I’m not saying this is a good culture…but compare it to Travis Kalanick presiding over the creation of Greyball to elude police officers, and Adam Neumann leading a round of tequila shots after laying off employees. (And never mind that by the time this egregious behavior attracted scrutiny, Uber and WeWork were already huge companies.)
Of course, this isn’t to excuse bad management. Nearly half of employees surveyed by Udemy in 2018 reported leaving their jobs because of bad management, and the atmosphere at work can have serious repercussions on an employee’s sense of wellbeing. This is especially true during the pandemic, when so much of our social interaction is coming from Zoom meetings with colleagues.
But the takedowns of men founders in the media—Adam Neumann, Travis Kalanick—usually happen after those men move from bad management into outright breaking the law and/or creating a legendarily hostile company culture.
Even then, these founders are often seen as mavericks rather than poor leaders. As Shohini Gupta, a Build Associate at 8VC, noted, “Everyone’s reaction to Adam Neumann was like, ‘that’s just how CEOs are! Oh, SoftBank gave them too much money!’”
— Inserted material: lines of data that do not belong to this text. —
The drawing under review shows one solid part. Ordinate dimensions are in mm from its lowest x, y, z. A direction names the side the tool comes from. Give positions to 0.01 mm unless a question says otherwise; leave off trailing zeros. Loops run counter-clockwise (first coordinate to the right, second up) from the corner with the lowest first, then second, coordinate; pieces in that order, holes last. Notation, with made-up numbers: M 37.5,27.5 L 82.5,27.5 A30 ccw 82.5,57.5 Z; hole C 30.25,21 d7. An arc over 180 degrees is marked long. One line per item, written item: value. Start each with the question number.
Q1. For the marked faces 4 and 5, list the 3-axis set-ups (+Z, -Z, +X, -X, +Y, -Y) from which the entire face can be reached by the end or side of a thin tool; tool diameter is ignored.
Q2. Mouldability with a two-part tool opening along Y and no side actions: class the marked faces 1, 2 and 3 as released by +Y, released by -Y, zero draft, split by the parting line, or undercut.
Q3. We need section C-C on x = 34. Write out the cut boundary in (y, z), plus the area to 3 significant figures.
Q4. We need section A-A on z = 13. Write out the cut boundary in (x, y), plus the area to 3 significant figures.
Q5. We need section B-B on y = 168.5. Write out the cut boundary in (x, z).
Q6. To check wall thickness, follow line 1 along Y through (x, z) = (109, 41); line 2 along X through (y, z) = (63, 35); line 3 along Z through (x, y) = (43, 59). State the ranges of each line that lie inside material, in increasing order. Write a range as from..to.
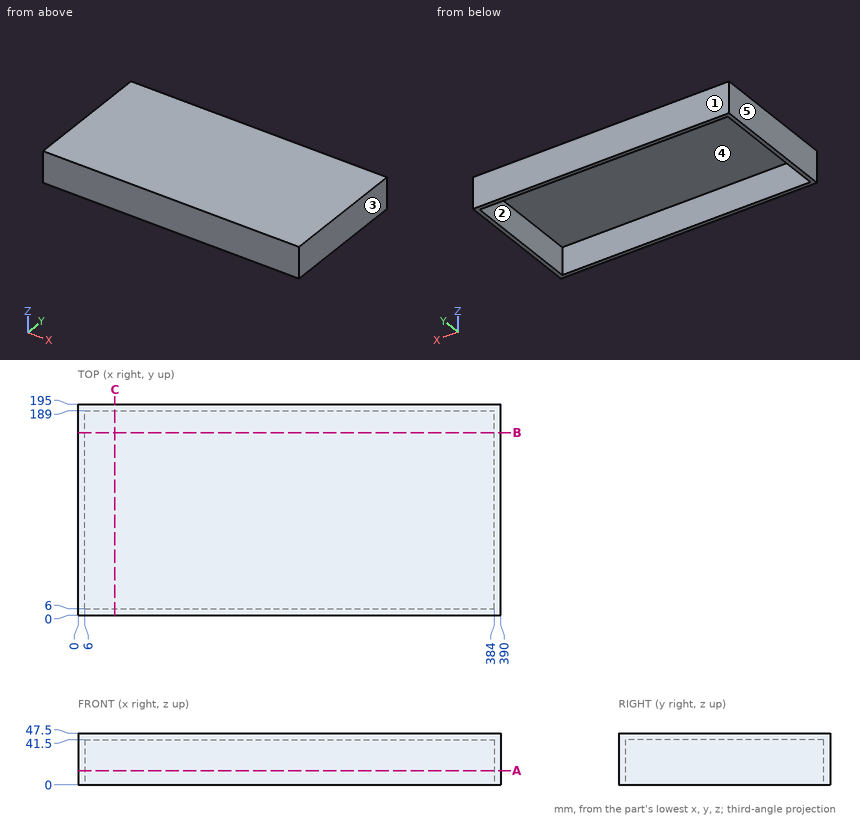
Solved:
1. face 4: -Z
1. face 5: +Z, -Z, -X, +Y, -Y
2. face 1: released by +Y
2. face 2: undercut
2. face 3: zero draft
3. outline: M 0,0 L 6,0 L 6,41.5 L 189,41.5 L 189,0 L 195,0 L 195,47.5 L 0,47.5 Z
3. area: 1,670 mm2
4. outline: M 0,0 L 390,0 L 390,195 L 0,195 Z; hole M 6,6 L 384,6 L 384,189 L 6,189 Z
4. area: 6,880 mm2
5. outline: M 0,0 L 6,0 L 6,41.5 L 384,41.5 L 384,0 L 390,0 L 390,47.5 L 0,47.5 Z
6. line 1: 0..6, 189..195
6. line 2: 0..6, 384..390
6. line 3: 41.5..47.5

She went on to point out that a lot of the worst tendencies seen in founder downfall stories (pushing employees too hard, failing to build a diverse and inclusive team, being harsh and unlikeable) can be directly traced to the pressures of blitzscaling a venture-funded business. With men founders, their reactions to these incentives are treated as such, not as an indictment on their management skills. With women founders, the same reactions seem elevated to the level of personality traits. Kalanick was a hard-driving CEO. Koh, apparently, is just a mean person.
There’s another element here that I alluded to when I compared low-level scams with true crime podcasts. In the last few years, some media outlets have become known for covering these low-level scams, and they do a great job of it. These articles go viral in certain media, business, and tech circles, and everyone talks about it on Twitter for a few days. There’s a strong incentive, as a reporter, to have that be your piece.
I get it, perhaps better than most. Not only do I love reading and talking about the latest imbroglio The Cut is covering, but my newsletter really took off when I wrote skeptical coverage of MultiPlan, Clover and Cityblock. Unfortunately, as I saw someone on Twitter put it once (I can’t find the tweet or I would cite it directly), everyone’s looking for the next Theranos, and there was only one Theranos.
I suspect part of the reason the coverage feels so imbalanced, beyond the obvious misogyny, is that the media is still trying to find the appropriate balance in covering tech. Over the last 15 years, coverage has swung from too-positive to too-negative. At the same time, vocal leaders in the tech space have contributed to the hostile environment by advocating for action against journalists and media outlets. Journalists and their editors, meanwhile, seem to have lost their sense of what is newsworthy and what’s just another addition to the pantheon of takedowns of women founders.
So where does that leave us? Per the half-serious suggestion of Gupta, “female founders need to budget in a line item for ‘post hit-piece PR.’”
This information shouldn’t be taken as investment advice (obviously), and the opinions expressed are entirely my own, not representative of my employer or anyone else.